An old one that I absolutely love is Edith Pargeter - it's the real name of Ellis Peters and she wrote a great series of novels set in the Middle Ages, mostly around the building of cathedrals etc. She wrote a lovely series starting with The Heaven Tree. I read them as a teen and they were moving and quite easy reads, like the Cadfael books but not as formulaic. Learning all the monastic language through those meant that The Name of the Rose was a relatively easy read afterwards! I also loved her novel about Henry IV's reign, A Bloody Field by Shrewsbury. Covers the same ground as Shakespeare's Henry IV part 2 (which again made that an easy read later). I love doing that - back-to-backing the more challenging reads with a straightforward retelling to get the ideas clear and the emotions and frame of reference in place first. Anyone who's read The Other Boleyn Girl then Wolf Hall and Bring Up the Bodies will know what I mean.

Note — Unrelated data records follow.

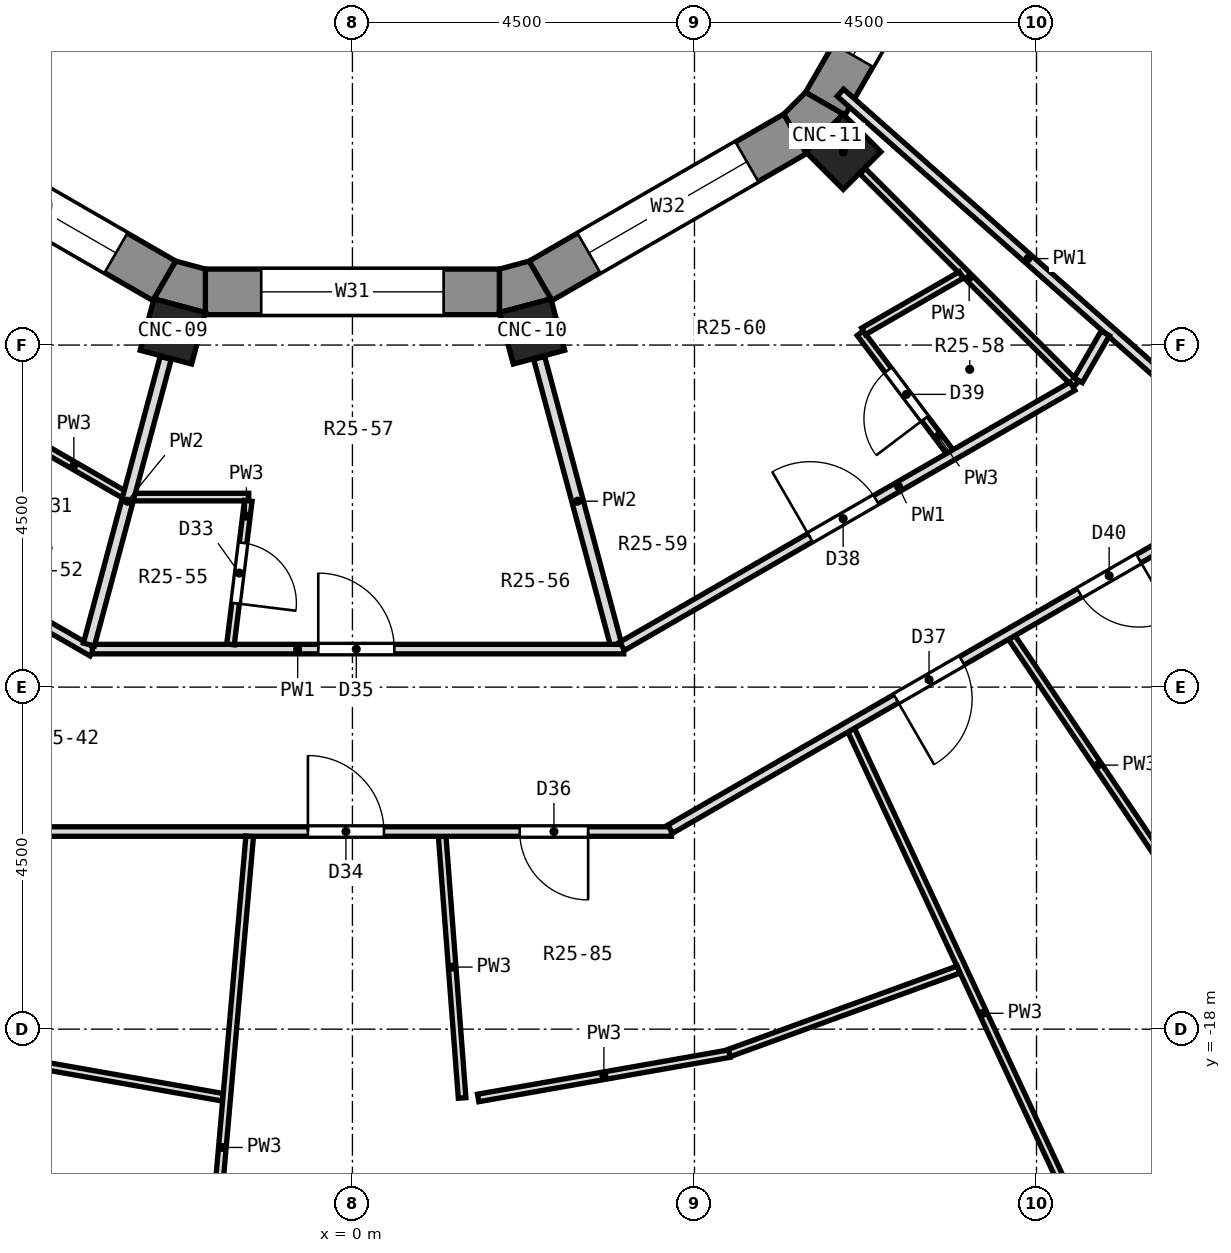
"""IFC4 building model, lengths in metres.
Left out: names, types, materials, properties, quantities, classifications, styles, units other than length and angle.
Written with IfcOpenShell. Run it as: python <this file> out.ifc"""

import sys

from ifc_helpers import new_model, si_unit, direction, frame, frame_2d, origin, origin_2d, place, context, subcontext, project, spatial, polyline, rectangle, outline, extrude, element, fill, save


model = new_model("IFC4")
c1 = context("Model", 3, precision=1e-05, world=origin(), true_north=direction((0.0, 1.0)))
c2 = subcontext(c1, "Body", "Model", "MODEL_VIEW")
j1 = project(units=[si_unit("LENGTHUNIT", "METRE"), si_unit("PLANEANGLEUNIT", "RADIAN")], contexts=[c1])
p1 = place(None, origin())
s1 = spatial("IfcSite", under=j1, at=p1, CompositionType="ELEMENT")
p2 = place(p1, origin())
s2 = spatial("IfcBuilding", under=s1, at=p2, CompositionType="ELEMENT")
p3 = place(p2, frame((0.0, 0.0, 160.8)))
s3 = spatial("IfcBuildingStorey", under=s2, at=p3, CompositionType="ELEMENT", Elevation=160.8)
for number, where, z_axis, x_axis in (
    (1, (-2.364, -8.821, 0.0), (0.0, 0.0, 1.0), (-0.259, -0.966, 0.0)),
    (2, (2.364, -8.821, 0.0), (0.0, 0.0, 1.0), (0.259, -0.966, 0.0)),
    (3, (6.458, -6.458, 0.0), (0.0, 0.0, 1.0), (0.707, -0.707, 0.0)),
):
    element("IfcColumn", number, at=place(p3, frame(where, z_axis=z_axis, x_axis=x_axis)), inside=s3, PredefinedType="COLUMN", context=c2, shape_type="SweptSolid", body=[
        extrude(rectangle(XDim=0.7, YDim=0.7, at=origin_2d()), origin(), (0.0, 0.0, 1.0), 3.3),
    ])
p4 = place(p3, frame((-5.826, -6.22, 0.0), z_axis=(0.0, 0.0, 1.0), x_axis=(0.866005929495, -0.500033728941, 0.0)))
e4 = element("IfcWall", 4, at=p4, inside=s3, PredefinedType="SOLIDWALL", context=c2, shape_type="SweptSolid", body=[
    extrude(rectangle(XDim=3.87, YDim=0.6, at=frame_2d((1.935, 0.0))), origin(), (0.0, 0.0, 1.0), 2.85),
])
p5 = place(p4, frame((0.735, 0.0, 0.9)))
e5 = element("IfcOpeningElement", 5, at=p5, cuts=e4, PredefinedType="OPENING", context=c2, shape_type="SweptSolid", body=[
    extrude(rectangle(XDim=2.4, YDim=1.8, at=frame_2d((1.2, 0.9))), frame((0.0, 0.312, 0.0), z_axis=(0.0, -1.0, 0.0), x_axis=(1.0, 0.0, 0.0)), (0.0, 0.0, 1.0), 0.624),
])
p6 = place(p3, frame((-1.935, -8.3, 0.0), z_axis=(0.0, 0.0, 1.0), x_axis=(1.0, 0.0, 0.0)))
e6 = element("IfcWall", 6, at=p6, inside=s3, PredefinedType="SOLIDWALL", context=c2, shape_type="SweptSolid", body=[
    extrude(rectangle(XDim=3.87, YDim=0.6, at=frame_2d((1.935, 0.0))), origin(), (0.0, 0.0, 1.0), 2.85),
])
p7 = place(p6, frame((0.735, 0.0, 0.9)))
e7 = element("IfcOpeningElement", 7, at=p7, cuts=e6, PredefinedType="OPENING", context=c2, shape_type="SweptSolid", body=[
    extrude(rectangle(XDim=2.4, YDim=1.8, at=frame_2d((1.2, 0.9))), frame((0.0, 0.312, 0.0), z_axis=(0.0, -1.0, 0.0), x_axis=(1.0, 0.0, 0.0)), (0.0, 0.0, 1.0), 0.624),
])
p8 = place(p3, frame((2.474, -8.156, 0.0), z_axis=(0.0, 0.0, 1.0), x_axis=(0.866005929495, 0.500033728941, 0.0)))
e8 = element("IfcWall", 8, at=p8, inside=s3, PredefinedType="SOLIDWALL", context=c2, shape_type="SweptSolid", body=[
    extrude(rectangle(XDim=3.87, YDim=0.6, at=frame_2d((1.935, 0.0))), origin(), (0.0, 0.0, 1.0), 2.85),
])
p9 = place(p8, frame((0.735, 0.0, 0.9)))
e9 = element("IfcOpeningElement", 9, at=p9, cuts=e8, PredefinedType="OPENING", context=c2, shape_type="SweptSolid", body=[
    extrude(rectangle(XDim=2.4, YDim=1.8, at=frame_2d((1.2, 0.9))), frame((0.0, 0.312, 0.0), z_axis=(0.0, -1.0, 0.0), x_axis=(1.0, 0.0, 0.0)), (0.0, 0.0, 1.0), 0.624),
])
p10 = place(p3, frame((6.22, -5.826, 0.0), z_axis=(0.0, 0.0, 1.0), x_axis=(0.500033728941, 0.866005929495, 0.0)))
e10 = element("IfcWall", 10, at=p10, inside=s3, PredefinedType="SOLIDWALL", context=c2, shape_type="SweptSolid", body=[
    extrude(rectangle(XDim=3.87, YDim=0.6, at=frame_2d((1.935, 0.0))), origin(), (0.0, 0.0, 1.0), 2.85),
])
p11 = place(p10, frame((0.735, 0.0, 0.9)))
e11 = element("IfcOpeningElement", 11, at=p11, cuts=e10, PredefinedType="OPENING", context=c2, shape_type="SweptSolid", body=[
    extrude(rectangle(XDim=2.4, YDim=1.8, at=frame_2d((1.2, 0.9))), frame((0.0, 0.312, 0.0), z_axis=(0.0, -1.0, 0.0), x_axis=(1.0, 0.0, 0.0)), (0.0, 0.0, 1.0), 0.624),
])
p12 = place(p3, origin())
e12 = element("IfcWall", 12, at=p12, inside=s3, PredefinedType="SOLIDWALL", context=c2, shape_type="SweptSolid", body=[
    extrude(outline(polyline([(-1.935, -8.573), (-1.935, -8.0), (-2.324, -7.896), (-2.611, -8.392), (-1.935, -8.573)])), origin(), (0.0, 0.0, 1.0), 2.85),
])
p13 = place(p3, origin())
e13 = element("IfcWall", 13, at=p13, inside=s3, PredefinedType="SOLIDWALL", context=c2, shape_type="SweptSolid", body=[
    extrude(outline(polyline([(2.611, -8.392), (2.324, -7.896), (1.935, -8.0), (1.935, -8.573), (2.611, -8.392)])), origin(), (0.0, 0.0, 1.0), 2.85),
])
p14 = place(p3, origin())
e14 = element("IfcWall", 14, at=p14, inside=s3, PredefinedType="SOLIDWALL", context=c2, shape_type="SweptSolid", body=[
    extrude(outline(polyline([(5.962, -6.458), (6.458, -5.962), (5.961, -5.676), (5.676, -5.961), (5.962, -6.458)])), origin(), (0.0, 0.0, 1.0), 2.85),
])
p15 = place(p3, frame((1.181, -15.462, 0.0), z_axis=(0.0, 0.0, 1.0), x_axis=(0.07601515228, -0.997106662611, 0.0)))
e15 = element("IfcWall", 15, at=p15, inside=s3, PredefinedType="PARTITIONING", context=c2, shape_type="SweptSolid", body=[
    extrude(rectangle(XDim=3.453, YDim=0.1, at=frame_2d((1.726, 0.0))), origin(), (0.0, 0.0, 1.0), 2.85),
])
p16 = place(p3, frame((2.457, -9.169, 0.0), z_axis=(0.0, 0.0, 1.0), x_axis=(0.258849662474, -0.965917621869, 0.0)))
e16 = element("IfcWall", 16, at=p16, inside=s3, PredefinedType="PARTITIONING", context=c2, shape_type="SweptSolid", body=[
    extrude(rectangle(XDim=3.904, YDim=0.15, at=frame_2d((1.952, 0.0))), origin(), (0.0, 0.0, 1.0), 2.85),
])
p17 = place(p3, frame((6.562, -14.066, 0.0), z_axis=(0.0, 0.0, 1.0), x_axis=(0.422374740617, -0.906421302976, 0.0)))
e17 = element("IfcWall", 17, at=p17, inside=s3, PredefinedType="PARTITIONING", context=c2, shape_type="SweptSolid", body=[
    extrude(rectangle(XDim=8.218, YDim=0.1, at=frame_2d((4.109, 0.0))), origin(), (0.0, 0.0, 1.0), 2.85),
])
p18 = place(p3, frame((8.674, -12.847, 0.0), z_axis=(0.0, 0.0, 1.0), x_axis=(0.559460436722, -0.828857056279, 0.0)))
e18 = element("IfcWall", 18, at=p18, inside=s3, PredefinedType="PARTITIONING", context=c2, shape_type="SweptSolid", body=[
    extrude(rectangle(XDim=4.052, YDim=0.1, at=frame_2d((2.026, 0.0))), origin(), (0.0, 0.0, 1.0), 2.85),
])
p19 = place(p3, frame((6.681, -8.844, 0.0), z_axis=(0.0, 0.0, 1.0), x_axis=(0.602656270697, -0.798000889341, 0.0)))
e19 = element("IfcWall", 19, at=p19, inside=s3, PredefinedType="PARTITIONING", context=c2, shape_type="SweptSolid", body=[
    extrude(rectangle(XDim=1.953, YDim=0.1, at=frame_2d((0.977, 0.0))), origin(), (0.0, 0.0, 1.0), 2.85),
])
p20 = place(p19, frame((0.608, 0.0, 0.0)))
e20 = element("IfcOpeningElement", 20, at=p20, cuts=e19, PredefinedType="OPENING", context=c2, shape_type="SweptSolid", body=[
    extrude(rectangle(XDim=0.8, YDim=2.1, at=frame_2d((0.4, 1.05))), frame((0.0, 0.062, 0.0), z_axis=(0.0, -1.0, 0.0), x_axis=(1.0, 0.0, 0.0)), (0.0, 0.0, 1.0), 0.124),
])
p21 = place(p3, frame((6.712, -6.712, 0.0), z_axis=(0.0, 0.0, 1.0), x_axis=(0.707106781187, -0.707106781187, 0.0)))
e21 = element("IfcWall", 21, at=p21, inside=s3, PredefinedType="PARTITIONING", context=c2, shape_type="SweptSolid", body=[
    extrude(rectangle(XDim=3.967, YDim=0.1, at=frame_2d((1.983, 0.0))), origin(), (0.0, 0.0, 1.0), 2.85),
])
p22 = place(p3, frame((6.42, -5.68, 0.0), z_axis=(0.0, 0.0, 1.0), x_axis=(0.748956953748, -0.662618654607, 0.0)))
e22 = element("IfcWall", 22, at=p22, inside=s3, PredefinedType="PARTITIONING", context=c2, shape_type="SweptSolid", body=[
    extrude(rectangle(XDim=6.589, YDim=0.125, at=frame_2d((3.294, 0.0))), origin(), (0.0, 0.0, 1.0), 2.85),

Another lovely one is The Sunny in Splendour by Sharon Penman - about Richard III before he was king.

JaninaDuszejko · 27/02/2021 14:09

The Map of Love by Ahdaf Soueif about Egypt in the Edwardian era (there's a modern love story as well). Or The Children's Book by AS Byatt about Britain in the same period. Both very dense books with lots of period detail. Agree Regeneration by Pat Barker on WW1 is wonderful. Birdsong by Sebastian Faulks is another WW1 option.